Read the introduction See how it works

sam-evals is a harness for benchmarking coding agents the way you’d benchmark a compiler: deterministic, sandboxed, and resumable. It runs an agent (OpenCode driving a local Ollama model, by default) against small TypeScript task suites inside locked-down Docker containers, scores each run on a pass/fail + stage + style axis, and writes everything to SQLite so experiments are comparable across nights.

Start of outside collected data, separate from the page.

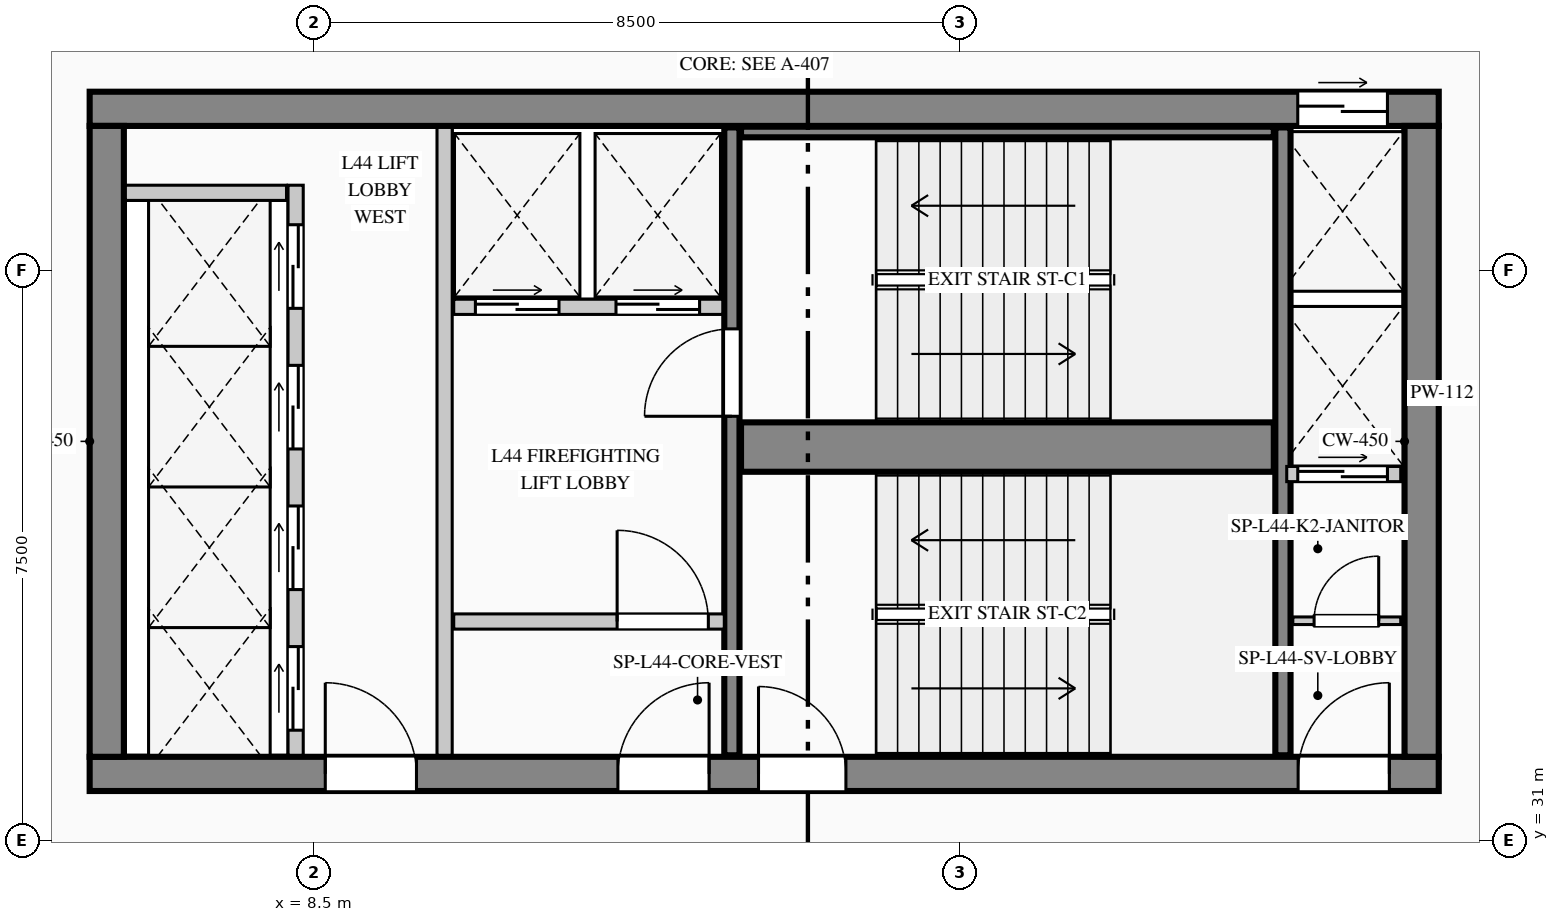
"""IFC4 building model, lengths in metres.
Left out: names, types, materials, properties, quantities, classifications, styles, units other than length and angle.
Written with IfcOpenShell. Run it as: python <this file> out.ifc"""

import sys

from ifc_helpers import new_model, si_unit, direction, frame, frame_2d, origin, place, context, subcontext, project, spatial, rectangle, extrude, element, fill, save


model = new_model("IFC4")
c1 = context("Model", 3, precision=1e-05, world=origin(), true_north=direction((0.0, 1.0)))
c2 = subcontext(c1, "Body", "Model", "MODEL_VIEW")
j1 = project(units=[si_unit("LENGTHUNIT", "METRE"), si_unit("PLANEANGLEUNIT", "RADIAN")], contexts=[c1])
p1 = place(None, origin())
s1 = spatial("IfcSite", under=j1, at=p1, CompositionType="ELEMENT")
p2 = place(p1, origin())
s2 = spatial("IfcBuilding", under=s1, at=p2, CompositionType="ELEMENT")
p3 = place(p2, frame((0.0, 0.0, 187.7)))
s3 = spatial("IfcBuildingStorey", under=s2, at=p3, CompositionType="ELEMENT", Elevation=187.7)
p4 = place(p3, frame((5.55, 40.625, 0.0), z_axis=(0.0, 0.0, 1.0), x_axis=(1.0, 0.0, 0.0)))
e1 = element("IfcWall", 1, at=p4, inside=s3, PredefinedType="SHEAR", context=c2, shape_type="SweptSolid", body=[
    extrude(rectangle(XDim=17.75, YDim=0.45, at=frame_2d((8.875, 0.0))), origin(), (0.0, 0.0, 1.0), 3.95),
])
p5 = place(p4, frame((15.895, 0.0, 0.0)))
e2 = element("IfcOpeningElement", 2, at=p5, cuts=e1, PredefinedType="OPENING", context=c2, shape_type="SweptSolid", body=[
    extrude(rectangle(XDim=1.18, YDim=2.25, at=frame_2d((0.59, 1.125))), frame((0.0, 0.235, 0.0), z_axis=(0.0, -1.0, 0.0), x_axis=(1.0, 0.0, 0.0)), (0.0, 0.0, 1.0), 0.47),
])
p6 = place(p3, frame((5.55, 31.875, 0.0), z_axis=(0.0, 0.0, 1.0), x_axis=(1.0, 0.0, 0.0)))
e3 = element("IfcWall", 3, at=p6, inside=s3, PredefinedType="SHEAR", context=c2, shape_type="SweptSolid", body=[
    extrude(rectangle(XDim=17.75, YDim=0.45, at=frame_2d((8.875, 0.0))), origin(), (0.0, 0.0, 1.0), 3.95),
])
p7 = place(p6, frame((3.1, 0.0, 0.0)))
e4 = element("IfcOpeningElement", 4, at=p7, cuts=e3, PredefinedType="OPENING", context=c2, shape_type="SweptSolid", body=[
    extrude(rectangle(XDim=1.2, YDim=2.2, at=frame_2d((0.6, 1.1))), frame((0.0, 0.235, 0.0), z_axis=(0.0, -1.0, 0.0), x_axis=(1.0, 0.0, 0.0)), (0.0, 0.0, 1.0), 0.47),
])
p8 = place(p6, frame((6.95, 0.0, 0.0)))
e5 = element("IfcOpeningElement", 5, at=p8, cuts=e3, PredefinedType="OPENING", context=c2, shape_type="SweptSolid", body=[
    extrude(rectangle(XDim=1.2, YDim=2.2, at=frame_2d((0.6, 1.1))), frame((0.0, 0.235, 0.0), z_axis=(0.0, -1.0, 0.0), x_axis=(1.0, 0.0, 0.0)), (0.0, 0.0, 1.0), 0.47),
])
p9 = place(p6, frame((8.8, 0.0, 0.0)))
e6 = element("IfcOpeningElement", 6, at=p9, cuts=e3, PredefinedType="OPENING", context=c2, shape_type="SweptSolid", body=[
    extrude(rectangle(XDim=1.15, YDim=2.2, at=frame_2d((0.575, 1.1))), frame((0.0, 0.235, 0.0), z_axis=(0.0, -1.0, 0.0), x_axis=(1.0, 0.0, 0.0)), (0.0, 0.0, 1.0), 0.47),
])
p10 = place(p6, frame((15.9, 0.0, 0.0)))
e7 = element("IfcOpeningElement", 7, at=p10, cuts=e3, PredefinedType="OPENING", context=c2, shape_type="SweptSolid", body=[
    extrude(rectangle(XDim=1.2, YDim=2.2, at=frame_2d((0.6, 1.1))), frame((0.0, 0.235, 0.0), z_axis=(0.0, -1.0, 0.0), x_axis=(1.0, 0.0, 0.0)), (0.0, 0.0, 1.0), 0.47),
])
for number, where, z_axis, x_axis in (
    (8, (5.775, 32.1, 0.0), (0.0, 0.0, 1.0), (0.0, 1.0, 0.0)),
    (9, (23.075, 32.1, 0.0), (0.0, 0.0, 1.0), (0.0, 1.0, 0.0)),
):
    element("IfcWall", number, at=place(p3, frame(where, z_axis=z_axis, x_axis=x_axis)), inside=s3, PredefinedType="SHEAR", context=c2, shape_type="SweptSolid", body=[
        extrude(rectangle(XDim=8.3, YDim=0.45, at=frame_2d((4.15, 0.0))), origin(), (0.0, 0.0, 1.0), 3.95),
    ])
p11 = place(p3, frame((14.0, 32.12, 0.0), z_axis=(0.0, 0.0, 1.0), x_axis=(0.0, 1.0, 0.0)))
e10 = element("IfcWall", 10, at=p11, inside=s3, PredefinedType="SHEAR", context=c2, shape_type="SweptSolid", body=[
    extrude(rectangle(XDim=8.26, YDim=0.2, at=frame_2d((4.13, 0.0))), origin(), (0.0, 0.0, 1.0), 3.95),
])
p12 = place(p11, frame((4.46, 0.0, 0.0)))
e11 = element("IfcOpeningElement", 11, at=p12, cuts=e10, PredefinedType="OPENING", context=c2, shape_type="SweptSolid", body=[
    extrude(rectangle(XDim=1.15, YDim=2.2, at=frame_2d((0.575, 1.1))), frame((0.0, 0.11, 0.0), z_axis=(0.0, -1.0, 0.0), x_axis=(1.0, 0.0, 0.0)), (0.0, 0.0, 1.0), 0.22),
])
p13 = place(p3, frame((14.12, 36.175, 0.0), z_axis=(0.0, 0.0, 1.0), x_axis=(1.0, 0.0, 0.0)))
e12 = element("IfcWall", 12, at=p13, inside=s3, PredefinedType="SHEAR", context=c2, shape_type="SweptSolid", body=[
    extrude(rectangle(XDim=7.01, YDim=0.65, at=frame_2d((3.505, 0.0))), origin(), (0.0, 0.0, 1.0), 3.95),
])
p14 = place(p3, frame((21.25, 32.12, 0.0), z_axis=(0.0, 0.0, 1.0), x_axis=(0.0, 1.0, 0.0)))
e13 = element("IfcWall", 13, at=p14, inside=s3, PredefinedType="SHEAR", context=c2, shape_type="SweptSolid", body=[
    extrude(rectangle(XDim=8.26, YDim=0.2, at=frame_2d((4.13, 0.0))), origin(), (0.0, 0.0, 1.0), 3.95),
])
p15 = place(p3, frame((14.12, 40.32, 0.0), z_axis=(0.0, 0.0, 1.0), x_axis=(1.0, 0.0, 0.0)))
e14 = element("IfcWall", 14, at=p15, inside=s3, PredefinedType="SHEAR", context=c2, shape_type="SweptSolid", body=[
    extrude(rectangle(XDim=7.01, YDim=0.14, at=frame_2d((3.505, 0.0))), origin(), (0.0, 0.0, 1.0), 3.95),
])
p16 = place(p3, frame((7.469, 4.63, 0.0), z_axis=(0.0, 0.0, 1.0), x_axis=(-0.123515300309, 0.992342667928, 0.0)))
e15 = element("IfcWall", 15, at=p16, inside=s3, PredefinedType="STANDARD", context=c2, shape_type="SweptSolid", body=[
    extrude(rectangle(XDim=37.024, YDim=0.26, at=frame_2d((18.512, 0.0))), origin(), (0.0, 0.0, 1.0), 3.7),
])
p17 = place(p16, frame((11.978, 0.0, 0.9)))
e16 = element("IfcOpeningElement", 16, at=p17, cuts=e15, PredefinedType="OPENING", context=c2, shape_type="SweptSolid", body=[
    extrude(rectangle(XDim=2.7, YDim=2.1, at=frame_2d((1.35, 1.05))), frame((0.0, 0.14, 0.0), z_axis=(0.0, -1.0, 0.0), x_axis=(1.0, 0.0, 0.0)), (0.0, 0.0, 1.0), 0.28),
])
p18 = place(p3, frame((8.26, 32.12, 0.0), z_axis=(0.0, 0.0, 1.0), x_axis=(0.0, 1.0, 0.0)))
e17 = element("IfcWall", 17, at=p18, inside=s3, PredefinedType="PARTITIONING", context=c2, shape_type="SweptSolid", body=[
    extrude(rectangle(XDim=7.5, YDim=0.2, at=frame_2d((3.75, 0.0))), origin(), (0.0, 0.0, 1.0), 3.7),
])
p19 = place(p18, frame((0.33, 0.0, 0.0)))
e18 = element("IfcOpeningElement", 18, at=p19, cuts=e17, PredefinedType="OPENING", context=c2, shape_type="SweptSolid", body=[
    extrude(rectangle(XDim=1.1, YDim=2.2, at=frame_2d((0.55, 1.1))), frame((0.0, 0.11, 0.0), z_axis=(0.0, -1.0, 0.0), x_axis=(1.0, 0.0, 0.0)), (0.0, 0.0, 1.0), 0.22),
])
p20 = place(p18, frame((2.18, 0.0, 0.0)))
e19 = element("IfcOpeningElement", 19, at=p20, cuts=e17, PredefinedType="OPENING", context=c2, shape_type="SweptSolid", body=[
    extrude(rectangle(XDim=1.1, YDim=2.2, at=frame_2d((0.55, 1.1))), frame((0.0, 0.11, 0.0), z_axis=(0.0, -1.0, 0.0), x_axis=(1.0, 0.0, 0.0)), (0.0, 0.0, 1.0), 0.22),
])
p21 = place(p18, frame((4.03, 0.0, 0.0)))
e20 = element("IfcOpeningElement", 20, at=p21, cuts=e17, PredefinedType="OPENING", context=c2, shape_type="SweptSolid", body=[
    extrude(rectangle(XDim=1.1, YDim=2.2, at=frame_2d((0.55, 1.1))), frame((0.0, 0.11, 0.0), z_axis=(0.0, -1.0, 0.0), x_axis=(1.0, 0.0, 0.0)), (0.0, 0.0, 1.0), 0.22),
])
p22 = place(p18, frame((5.88, 0.0, 0.0)))
e21 = element("IfcOpeningElement", 21, at=p22, cuts=e17, PredefinedType="OPENING", context=c2, shape_type="SweptSolid", body=[
    extrude(rectangle(XDim=1.1, YDim=2.2, at=frame_2d((0.55, 1.1))), frame((0.0, 0.11, 0.0), z_axis=(0.0, -1.0, 0.0), x_axis=(1.0, 0.0, 0.0)), (0.0, 0.0, 1.0), 0.22),
])
p23 = place(p3, frame((6.02, 39.52, 0.0), z_axis=(0.0, 0.0, 1.0), x_axis=(1.0, 0.0, 0.0)))
e22 = element("IfcWall", 22, at=p23, inside=s3, PredefinedType="PARTITIONING", context=c2, shape_type="SweptSolid", body=[
    extrude(rectangle(XDim=2.12, YDim=0.2, at=frame_2d((1.06, 0.0))), origin(), (0.0, 0.0, 1.0), 3.7),
])
p24 = place(p3, frame((10.22, 32.12, 0.0), z_axis=(0.0, 0.0, 1.0), x_axis=(0.0, 1.0, 0.0)))
e23 = element("IfcWall", 23, at=p24, inside=s3, PredefinedType="PARTITIONING", context=c2, shape_type="SweptSolid", body=[
    extrude(rectangle(XDim=8.26, YDim=0.2, at=frame_2d((4.13, 0.0))), origin(), (0.0, 0.0, 1.0), 3.7),
])
p25 = place(p3, frame((10.34, 38.02, 0.0), z_axis=(0.0, 0.0, 1.0), x_axis=(1.0, 0.0, 0.0)))
e24 = element("IfcWall", 24, at=p25, inside=s3, PredefinedType="PARTITIONING", context=c2, shape_type="SweptSolid", body=[
    extrude(rectangle(XDim=3.54, YDim=0.2, at=frame_2d((1.77, 0.0))), origin(), (0.0, 0.0, 1.0), 3.7),
])
p26 = place(p25, frame((0.285, 0.0, 0.0)))
e25 = element("IfcOpeningElement", 25, at=p26, cuts=e24, PredefinedType="OPENING", context=c2, shape_type="SweptSolid", body=[
    extrude(rectangle(XDim=1.1, YDim=2.2, at=frame_2d((0.55, 1.1))), frame((0.0, 0.11, 0.0), z_axis=(0.0, -1.0, 0.0), x_axis=(1.0, 0.0, 0.0)), (0.0, 0.0, 1.0), 0.22),
])
p27 = place(p25, frame((2.135, 0.0, 0.0)))
e26 = element("IfcOpeningElement", 26, at=p27, cuts=e24, PredefinedType="OPENING", context=c2, shape_type="SweptSolid", body=[
    extrude(rectangle(XDim=1.1, YDim=2.2, at=frame_2d((0.55, 1.1))), frame((0.0, 0.11, 0.0), z_axis=(0.0, -1.0, 0.0), x_axis=(1.0, 0.0, 0.0)), (0.0, 0.0, 1.0), 0.22),
])
p28 = place(p3, frame((10.34, 33.88, 0.0), z_axis=(0.0, 0.0, 1.0), x_axis=(1.0, 0.0, 0.0)))
e27 = element("IfcWall", 27, at=p28, inside=s3, PredefinedType="PARTITIONING", context=c2, shape_type="SweptSolid", body=[
    extrude(rectangle(XDim=3.56, YDim=0.2, at=frame_2d((1.78, 0.0))), origin(), (0.0, 0.0, 1.0), 3.7),
])
p29 = place(p28, frame((2.15, 0.0, 0.0)))
e28 = element("IfcOpeningElement", 28, at=p29, cuts=e27, PredefinedType="OPENING", context=c2, shape_type="SweptSolid", body=[
    extrude(rectangle(XDim=1.2, YDim=2.2, at=frame_2d((0.6, 1.1))), frame((0.0, 0.11, 0.0), z_axis=(0.0, -1.0, 0.0), x_axis=(1.0, 0.0, 0.0)), (0.0, 0.0, 1.0), 0.22),
])
p30 = place(p3, frame((21.38, 33.89, 0.0), z_axis=(0.0, 0.0, 1.0), x_axis=(1.0, 0.0, 0.0)))
e29 = element("IfcWall", 29, at=p30, inside=s3, PredefinedType="PARTITIONING", context=c2, shape_type="SweptSolid", body=[
    extrude(rectangle(XDim=1.42, YDim=0.1, at=frame_2d((0.71, 0.0))), origin(), (0.0, 0.0, 1.0), 3.7),
])
p31 = place(p30, frame((0.28, 0.0, 0.0)))
e30 = element("IfcOpeningElement", 30, at=p31, cuts=e29, PredefinedType="OPENING", context=c2, shape_type="SweptSolid", body=[
    extrude(rectangle(XDim=0.85, YDim=2.1, at=frame_2d((0.425, 1.05))), frame((0.0, 0.06, 0.0), z_axis=(0.0, -1.0, 0.0), x_axis=(1.0, 0.0, 0.0)), (0.0, 0.0, 1.0), 0.12),
])
p32 = place(p3, frame((21.3, 35.82, 0.0), z_axis=(0.0, 0.0, 1.0), x_axis=(1.0, 0.0, 0.0)))
e31 = element("IfcWall", 31, at=p32, inside=s3, PredefinedType="PARTITIONING", context=c2, shape_type="SweptSolid", body=[
    extrude(rectangle(XDim=1.5, YDim=0.2, at=frame_2d((0.75, 0.0))), origin(), (0.0, 0.0, 1.0), 3.7),
])
p33 = place(p32, frame((0.145, 0.0, 0.0)))
e32 = element("IfcOpeningElement", 32, at=p33, cuts=e31, PredefinedType="OPENING", context=c2, shape_type="SweptSolid", body=[
    extrude(rectangle(XDim=1.18, YDim=2.25, at=frame_2d((0.59, 1.125))), frame((0.0, 0.11, 0.0), z_axis=(0.0, -1.0, 0.0), x_axis=(1.0, 0.0, 0.0)), (0.0, 0.0, 1.0), 0.22),
])
p34 = place(p7, origin())
e33 = element("IfcDoor", 33, at=p34, inside=s3, OperationType="SINGLE_SWING_LEFT", PredefinedType="DOOR", context=c2, shape_type="SweptSolid", body=[
    extrude(rectangle(XDim=1.2, YDim=2.2, at=frame_2d((0.6, 1.1))), frame((0.0, 0.025, 0.0), z_axis=(0.0, -1.0, 0.0), x_axis=(1.0, 0.0, 0.0)), (0.0, 0.0, 1.0), 0.05),
])
fill(e4, e33)
p35 = place(p8, origin())
e34 = element("IfcDoor", 34, at=p35, inside=s3, OperationType="SINGLE_SWING_RIGHT", PredefinedType="DOOR", context=c2, shape_type="SweptSolid", body=[
    extrude(rectangle(XDim=1.2, YDim=2.2, at=frame_2d((0.6, 1.1))), frame((0.0, 0.025, 0.0), z_axis=(0.0, -1.0, 0.0), x_axis=(1.0, 0.0, 0.0)), (0.0, 0.0, 1.0), 0.05),
])
fill(e5, e34)
p36 = place(p9, origin())
e35 = element("IfcDoor", 35, at=p36, inside=s3, OperationType="SINGLE_SWING_LEFT", PredefinedType="DOOR", context=c2, shape_type="SweptSolid", body=[
    extrude(rectangle(XDim=1.15, YDim=2.2, at=frame_2d((0.575, 1.1))), frame((0.0, 0.025, 0.0), z_axis=(0.0, -1.0, 0.0), x_axis=(1.0, 0.0, 0.0)), (0.0, 0.0, 1.0), 0.05),
])
fill(e6, e35)
p37 = place(p10, origin())
e36 = element("IfcDoor", 36, at=p37, inside=s3, OperationType="SINGLE_SWING_RIGHT", PredefinedType="DOOR", context=c2, shape_type="SweptSolid", body=[
    extrude(rectangle(XDim=1.2, YDim=2.2, at=frame_2d((0.6, 1.1))), frame((0.0, 0.025, 0.0), z_axis=(0.0, -1.0, 0.0), x_axis=(1.0, 0.0, 0.0)), (0.0, 0.0, 1.0), 0.05),
])
fill(e7, e36)
p38 = place(p29, origin())
e37 = element("IfcDoor", 37, at=p38, inside=s3, OperationType="SINGLE_SWING_LEFT", PredefinedType="DOOR", context=c2, shape_type="SweptSolid", body=[
    extrude(rectangle(XDim=1.2, YDim=2.2, at=frame_2d((0.6, 1.1))), frame((0.0, 0.025, 0.0), z_axis=(0.0, -1.0, 0.0), x_axis=(1.0, 0.0, 0.0)), (0.0, 0.0, 1.0), 0.05),
])
fill(e28, e37)
p39 = place(p31, origin())
e38 = element("IfcDoor", 38, at=p39, inside=s3, OperationType="SINGLE_SWING_RIGHT", PredefinedType="DOOR", context=c2, shape_type="SweptSolid", body=[
    extrude(rectangle(XDim=0.85, YDim=2.1, at=frame_2d((0.425, 1.05))), frame((0.0, 0.025, 0.0), z_axis=(0.0, -1.0, 0.0), x_axis=(1.0, 0.0, 0.0)), (0.0, 0.0, 1.0), 0.05),
])
fill(e30, e38)
p40 = place(p12, origin())
e39 = element("IfcDoor", 39, at=p40, inside=s3, OperationType="SINGLE_SWING_LEFT", PredefinedType="DOOR", context=c2, shape_type="SweptSolid", body=[
    extrude(rectangle(XDim=1.15, YDim=2.2, at=frame_2d((0.575, 1.1))), frame((0.0, 0.025, 0.0), z_axis=(0.0, -1.0, 0.0), x_axis=(1.0, 0.0, 0.0)), (0.0, 0.0, 1.0), 0.05),
])
fill(e11, e39)
p41 = place(p19, origin())
e40 = element("IfcDoor", 40, at=p41, inside=s3, OperationType="DOUBLE_DOOR_SLIDING", PredefinedType="DOOR", context=c2, shape_type="SweptSolid", body=[
    extrude(rectangle(XDim=1.1, YDim=2.2, at=frame_2d((0.55, 1.1))), frame((0.0, 0.025, 0.0), z_axis=(0.0, -1.0, 0.0), x_axis=(1.0, 0.0, 0.0)), (0.0, 0.0, 1.0), 0.05),
])
fill(e18, e40)
p42 = place(p20, origin())
e41 = element("IfcDoor", 41, at=p42, inside=s3, OperationType="DOUBLE_DOOR_SLIDING", PredefinedType="DOOR", context=c2, shape_type="SweptSolid", body=[
    extrude(rectangle(XDim=1.1, YDim=2.2, at=frame_2d((0.55, 1.1))), frame((0.0, 0.025, 0.0), z_axis=(0.0, -1.0, 0.0), x_axis=(1.0, 0.0, 0.0)), (0.0, 0.0, 1.0), 0.05),
])
fill(e19, e41)
p43 = place(p21, origin())
e42 = element("IfcDoor", 42, at=p43, inside=s3, OperationType="DOUBLE_DOOR_SLIDING", PredefinedType="DOOR", context=c2, shape_type="SweptSolid", body=[
    extrude(rectangle(XDim=1.1, YDim=2.2, at=frame_2d((0.55, 1.1))), frame((0.0, 0.025, 0.0), z_axis=(0.0, -1.0, 0.0), x_axis=(1.0, 0.0, 0.0)), (0.0, 0.0, 1.0), 0.05),
])
fill(e20, e42)
p44 = place(p22, origin())
e43 = element("IfcDoor", 43, at=p44, inside=s3, OperationType="DOUBLE_DOOR_SLIDING", PredefinedType="DOOR", context=c2, shape_type="SweptSolid", body=[
    extrude(rectangle(XDim=1.1, YDim=2.2, at=frame_2d((0.55, 1.1))), frame((0.0, 0.025, 0.0), z_axis=(0.0, -1.0, 0.0), x_axis=(1.0, 0.0, 0.0)), (0.0, 0.0, 1.0), 0.05),
])
fill(e21, e43)
p45 = place(p26, origin())
e44 = element("IfcDoor", 44, at=p45, inside=s3, OperationType="DOUBLE_DOOR_SLIDING", PredefinedType="DOOR", context=c2, shape_type="SweptSolid", body=[
    extrude(rectangle(XDim=1.1, YDim=2.2, at=frame_2d((0.55, 1.1))), frame((0.0, 0.025, 0.0), z_axis=(0.0, -1.0, 0.0), x_axis=(1.0, 0.0, 0.0)), (0.0, 0.0, 1.0), 0.05),
])
fill(e25, e44)
p46 = place(p27, origin())
e45 = element("IfcDoor", 45, at=p46, inside=s3, OperationType="DOUBLE_DOOR_SLIDING", PredefinedType="DOOR", context=c2, shape_type="SweptSolid", body=[
    extrude(rectangle(XDim=1.1, YDim=2.2, at=frame_2d((0.55, 1.1))), frame((0.0, 0.025, 0.0), z_axis=(0.0, -1.0, 0.0), x_axis=(1.0, 0.0, 0.0)), (0.0, 0.0, 1.0), 0.05),
])
fill(e26, e45)
p47 = place(p5, origin())
e46 = element("IfcDoor", 46, at=p47, inside=s3, OperationType="DOUBLE_DOOR_SLIDING", PredefinedType="DOOR", context=c2, shape_type="SweptSolid", body=[
    extrude(rectangle(XDim=1.18, YDim=2.25, at=frame_2d((0.59, 1.125))), frame((0.0, 0.025, 0.0), z_axis=(0.0, -1.0, 0.0), x_axis=(1.0, 0.0, 0.0)), (0.0, 0.0, 1.0), 0.05),
])
fill(e2, e46)
p48 = place(p33, origin())
e47 = element("IfcDoor", 47, at=p48, inside=s3, OperationType="DOUBLE_DOOR_SLIDING", PredefinedType="DOOR", context=c2, shape_type="SweptSolid", body=[
    extrude(rectangle(XDim=1.18, YDim=2.25, at=frame_2d((0.59, 1.125))), frame((0.0, 0.025, 0.0), z_axis=(0.0, -1.0, 0.0), x_axis=(1.0, 0.0, 0.0)), (0.0, 0.0, 1.0), 0.05),
])
fill(e32, e47)
save(model, sys.argv[1])

It is not a general LLM-eval platform. It’s narrow on purpose: local-model, coding-agent, style-aware evaluation — the niche the big platforms are weakest at.

Sandboxed by construction

Agent containers reach exactly one thing — a local model proxy on an internal Docker network. No internet, no $HOME, no secrets. Checks run --network none.

One cell, one number

A cell = one task × one style profile × one model × one temperature. Every cell yields a classified, stage-scored row you can rank and diff.

Style profiles as variables

Decompose how you constrain the agent — lint rails, Tiger Style, strict types — into profiles and measure which one gets a model furthest per wall-minute.

Resumable & honest

Matrices run sequentially under a wall-clock budget and skip recorded cells, so a crashed night resumes with the same run id. Pass rate alone lies — the report surfaces timeouts, no-diffs, and security flags too.